Open a2d8a4v opened 3 weeks ago
@jimbozhang perhaps you'd like to comment? If you don't object, I'm inclined to just merge this when it's marked done (i.e. draft label removed)
@a2d8a4v Thanks for fixing the issue. I think it is reasonable. Could you please ensure the modified recipe has been thoroughly tested, as I won't have time to do so myself?
Hi, @jimbozhang
I have already tested the updated code with two corpora: speechocean762 and L2-ARCTIC.
The speechocean762 corpus do not have the problem of duplicated continuous phonemes. The test for this corpus is to check if this influences the original results from here in terms of pure phone sequences and their lengths.

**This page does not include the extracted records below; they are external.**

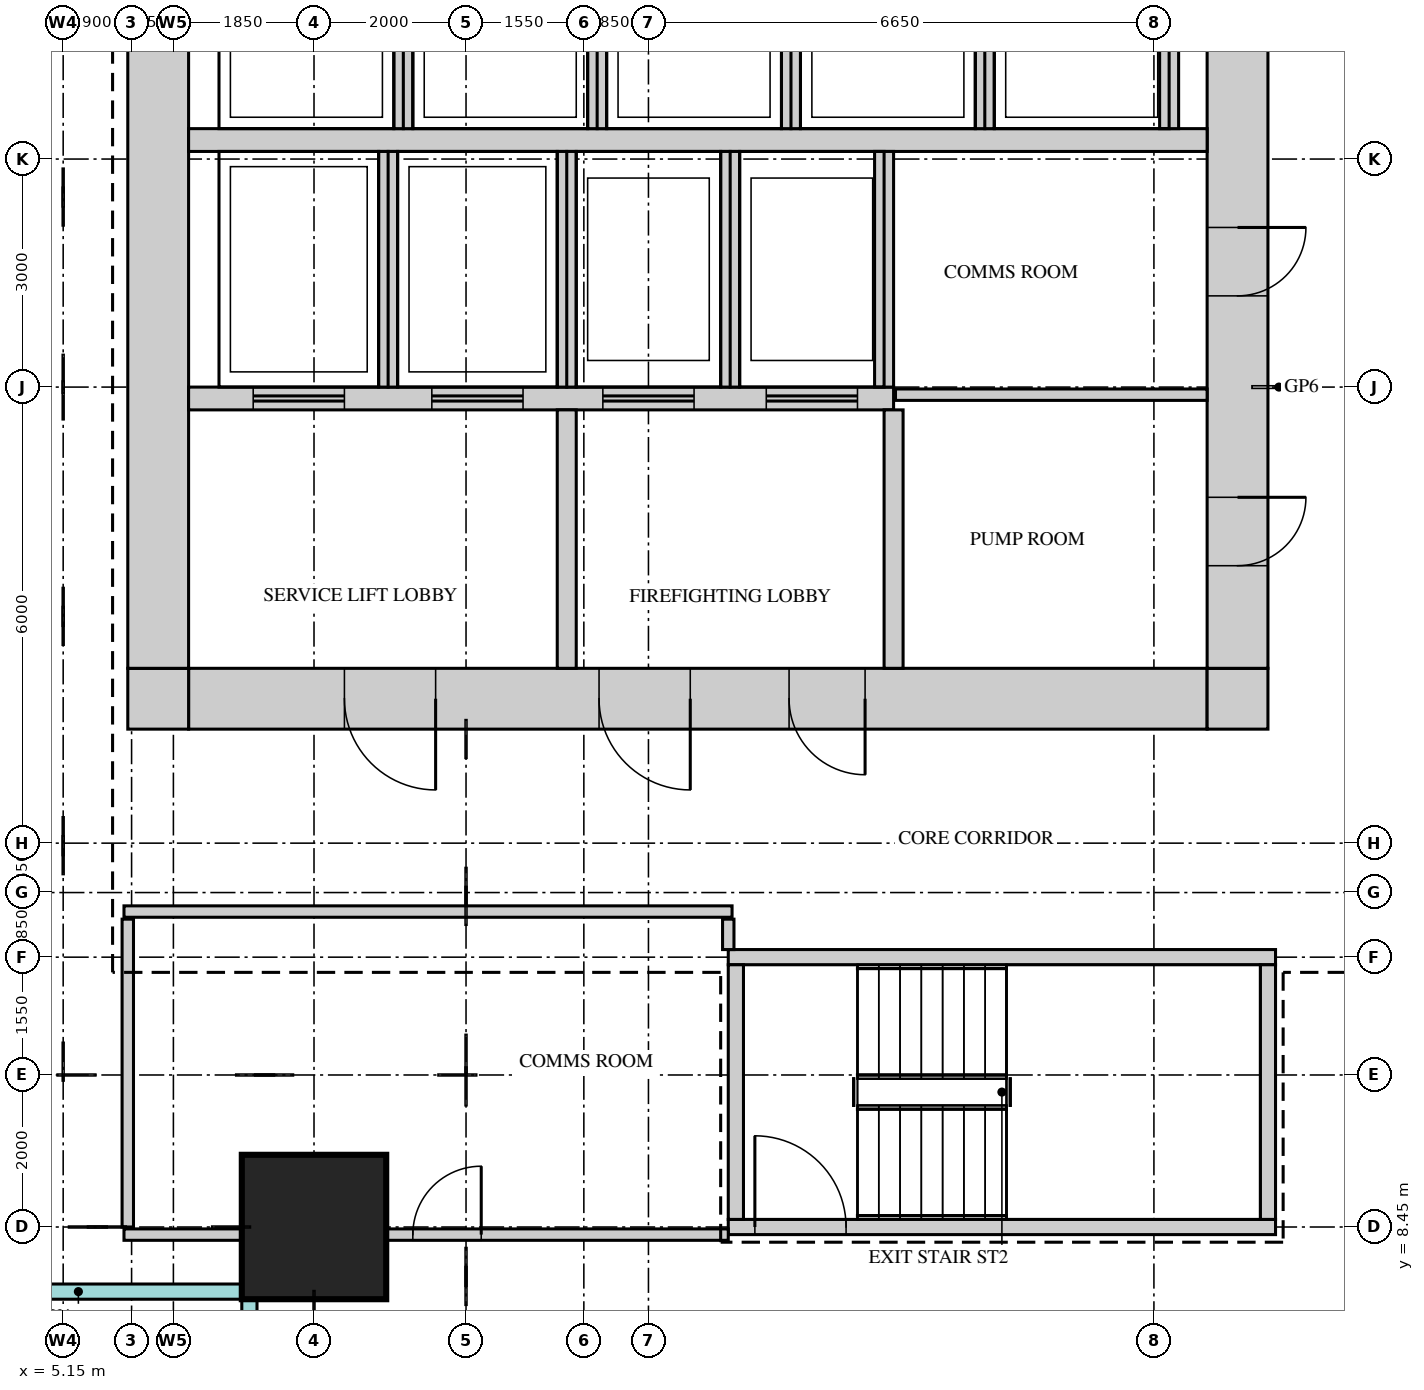
"""IFC4 building model, lengths in metres.
Left out: names, types, materials, properties, quantities, classifications, styles, units other than length and angle.
Written with IfcOpenShell. Run it as: python <this file> out.ifc"""

import sys

from ifc_helpers import new_model, si_unit, direction, frame, frame_2d, origin, origin_2d, place, context, subcontext, project, spatial, rectangle, extrude, source, transform, mapped, element, fill, save


model = new_model("IFC4")
c1 = context("Model", 3, precision=1e-05, world=origin(), true_north=direction((0.0, 1.0)))
c2 = subcontext(c1, "Body", "Model", "MODEL_VIEW")
j1 = project(units=[si_unit("LENGTHUNIT", "METRE"), si_unit("PLANEANGLEUNIT", "RADIAN")], contexts=[c1])
p1 = place(None, origin())
s1 = spatial("IfcSite", under=j1, at=p1, CompositionType="ELEMENT")
p2 = place(p1, origin())
s2 = spatial("IfcBuilding", under=s1, at=p2, CompositionType="ELEMENT")
p3 = place(p2, frame((0.0, 0.0, 216.7)))
s3 = spatial("IfcBuildingStorey", under=s2, at=p3, CompositionType="ELEMENT", Elevation=216.7)
m1 = source(origin(), c2, "Body", "SweptSolid", [
    extrude(rectangle(XDim=13.4, YDim=0.8, at=frame_2d((6.7, 0.0))), origin(), (0.0, 0.0, 1.0), 5.25),
])
p4 = place(p3, frame((6.8, 15.4, 0.0), z_axis=(0.0, 0.0, 1.0), x_axis=(1.0, 0.0, 0.0)))
e1 = element("IfcWall", 1, at=p4, inside=s3, PredefinedType="SHEAR", context=c2, shape_type="MappedRepresentation", body=[
    mapped(m1, transform((0.0, 0.0, 0.0))),
])
m2 = source(origin(), c2, "Body", "SweptSolid", [
    extrude(rectangle(XDim=1.2, YDim=2.1, at=frame_2d((0.6, 1.05))), frame((0.0, 0.41, 0.0), z_axis=(0.0, -1.0, 0.0), x_axis=(1.0, 0.0, 0.0)), (0.0, 0.0, 1.0), 0.82),
])
p5 = place(p4, frame((5.4, 0.0, 0.0)))
e2 = element("IfcOpeningElement", 2, at=p5, cuts=e1, PredefinedType="OPENING", context=c2, shape_type="MappedRepresentation", body=[
    mapped(m2, transform((0.0, 0.0, 0.0))),
])
p6 = place(p4, frame((2.05, 0.0, 0.0)))
e3 = element("IfcOpeningElement", 3, at=p6, cuts=e1, PredefinedType="OPENING", context=c2, shape_type="MappedRepresentation", body=[
    mapped(m2, transform((0.0, 0.0, 0.0))),
])
m3 = source(origin(), c2, "Body", "SweptSolid", [
    extrude(rectangle(XDim=1.0, YDim=2.1, at=frame_2d((0.5, 1.05))), frame((0.0, 0.41, 0.0), z_axis=(0.0, -1.0, 0.0), x_axis=(1.0, 0.0, 0.0)), (0.0, 0.0, 1.0), 0.82),
])
p7 = place(p4, frame((7.9, 0.0, 0.0)))
e4 = element("IfcOpeningElement", 4, at=p7, cuts=e1, PredefinedType="OPENING", context=c2, shape_type="MappedRepresentation", body=[
    mapped(m3, transform((0.0, 0.0, 0.0))),
])
m4 = source(origin(), c2, "Body", "SweptSolid", [
    extrude(rectangle(XDim=0.8, YDim=0.8, at=frame_2d((0.4, 0.0))), origin(), (0.0, 0.0, 1.0), 5.25),
])
for number, where, z_axis, x_axis in (
    (5, (20.2, 15.4, 0.0), (0.0, 0.0, 1.0), (1.0, 0.0, 0.0)),
    (6, (6.0, 15.4, 0.0), (0.0, 0.0, 1.0), (1.0, 0.0, 0.0)),
):
    element("IfcWall", number, at=place(p3, frame(where, z_axis=z_axis, x_axis=x_axis)), inside=s3, PredefinedType="SHEAR", context=c2, shape_type="MappedRepresentation", body=[
        mapped(m4, transform((0.0, 0.0, 0.0))),
    ])
m5 = source(origin(), c2, "Body", "SweptSolid", [
    extrude(rectangle(XDim=22.4, YDim=0.8, at=frame_2d((11.2, 0.0))), origin(), (0.0, 0.0, 1.0), 5.25),
])
p8 = place(p3, frame((20.6, 15.8, 0.0), z_axis=(0.0, 0.0, 1.0), x_axis=(0.0, 1.0, 0.0)))
e7 = element("IfcWall", 7, at=p8, inside=s3, PredefinedType="SHEAR", context=c2, shape_type="MappedRepresentation", body=[
    mapped(m5, transform((0.0, 0.0, 0.0))),
])
m6 = source(origin(), c2, "Body", "SweptSolid", [
    extrude(rectangle(XDim=1.8, YDim=2.1, at=frame_2d((0.9, 1.05))), frame((0.0, 0.41, 0.0), z_axis=(0.0, -1.0, 0.0), x_axis=(1.0, 0.0, 0.0)), (0.0, 0.0, 1.0), 0.82),
])
p9 = place(p8, frame((10.7, 0.0, 0.0)))
e8 = element("IfcOpeningElement", 8, at=p9, cuts=e7, PredefinedType="OPENING", context=c2, shape_type="MappedRepresentation", body=[
    mapped(m6, transform((0.0, 0.0, 0.0))),
])
m7 = source(origin(), c2, "Body", "SweptSolid", [
    extrude(rectangle(XDim=0.9, YDim=2.1, at=frame_2d((0.45, 1.05))), frame((0.0, 0.41, 0.0), z_axis=(0.0, -1.0, 0.0), x_axis=(1.0, 0.0, 0.0)), (0.0, 0.0, 1.0), 0.82),
])
p10 = place(p8, frame((1.35, 0.0, 0.0)))
e9 = element("IfcOpeningElement", 9, at=p10, cuts=e7, PredefinedType="OPENING", context=c2, shape_type="MappedRepresentation", body=[
    mapped(m7, transform((0.0, 0.0, 0.0))),
])
p11 = place(p8, frame((4.9, 0.0, 0.0)))
e10 = element("IfcOpeningElement", 10, at=p11, cuts=e7, PredefinedType="OPENING", context=c2, shape_type="MappedRepresentation", body=[
    mapped(m7, transform((0.0, 0.0, 0.0))),
])
p12 = place(p3, frame((6.4, 15.8, 0.0), z_axis=(0.0, 0.0, 1.0), x_axis=(0.0, 1.0, 0.0)))
e11 = element("IfcWall", 11, at=p12, inside=s3, PredefinedType="SHEAR", context=c2, shape_type="MappedRepresentation", body=[
    mapped(m5, transform((0.0, 0.0, 0.0))),
])
m8 = source(origin(), c2, "Body", "SweptSolid", [
    extrude(rectangle(XDim=7.2, YDim=0.2, at=frame_2d((3.6, 0.0))), origin(), (0.0, 0.0, 1.0), 5.25),
])
p13 = place(p3, frame((13.9, 12.0, 0.0), z_axis=(0.0, 0.0, 1.0), x_axis=(1.0, 0.0, 0.0)))
e12 = element("IfcWall", 12, at=p13, inside=s3, PredefinedType="SHEAR", context=c2, shape_type="MappedRepresentation", body=[
    mapped(m8, transform((0.0, 0.0, 0.0))),
])
p14 = place(p3, frame((13.9, 8.45, 0.0), z_axis=(0.0, 0.0, 1.0), x_axis=(1.0, 0.0, 0.0)))
e13 = element("IfcWall", 13, at=p14, inside=s3, PredefinedType="SHEAR", context=c2, shape_type="MappedRepresentation", body=[
    mapped(m8, transform((0.0, 0.0, 0.0))),
])
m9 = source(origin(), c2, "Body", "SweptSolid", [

This phenomenon exists in the L2-ARCTIC corpus. For example, in the utterance with the identity number 'arctic_a0086'.
Hi @a2d8a4v,
Could you do me a favor? I'd like to remove the Google Docs link from the top of egs/gop_speechocean762/README.md
, but I don't want to create a separate pull request just for this. If it's not too much trouble, could you include this change in your current PR?
--- a/egs/gop_speechocean762/README.md
+++ b/egs/gop_speechocean762/README.md
@@ -1,8 +1,3 @@
-There is a copy of this document on Google Docs, which renders the equations better:
-[link](https://docs.google.com/document/d/1pie-PU6u2NZZC_FzocBGGm6mpfBJMiCft9UoG0uA1kA/edit?usp=sharing)
-
-* * *
-
# GOP on Kaldi
The Goodness of Pronunciation (GOP) is a variation of the posterior probability, for phone level pronunciation scoring.
Thanks alot.
Hi, @jimbozhang, I've dealt with it.
Dear @jimbozhang and @csukuangfj,
Do you have any other suggestions about the code? Alternatively, do you think we should proceed by having @danpovey confirm the pull request?
[Problem Statement] In computer-assisted pronunciation training, we use time-aligned information to compute the pronunciation features such as goodness of pronunciation (GOP). We want each phoneme to be separately processed to obtain their features or scores. However, in the original implementation of compute-gop:L163, it used phoneme transition to decide if it is the next phoneme or not to recompute the phoneme duration, which encounters the problem that if some word is composed of some continuous duplicated phonemes, for example:
SUDDENNESS S AH1 D AH0 N N AH0 S
it finally makes an outcome for a single N.
[Solution] Add the phoneme boundary information to solve such a case.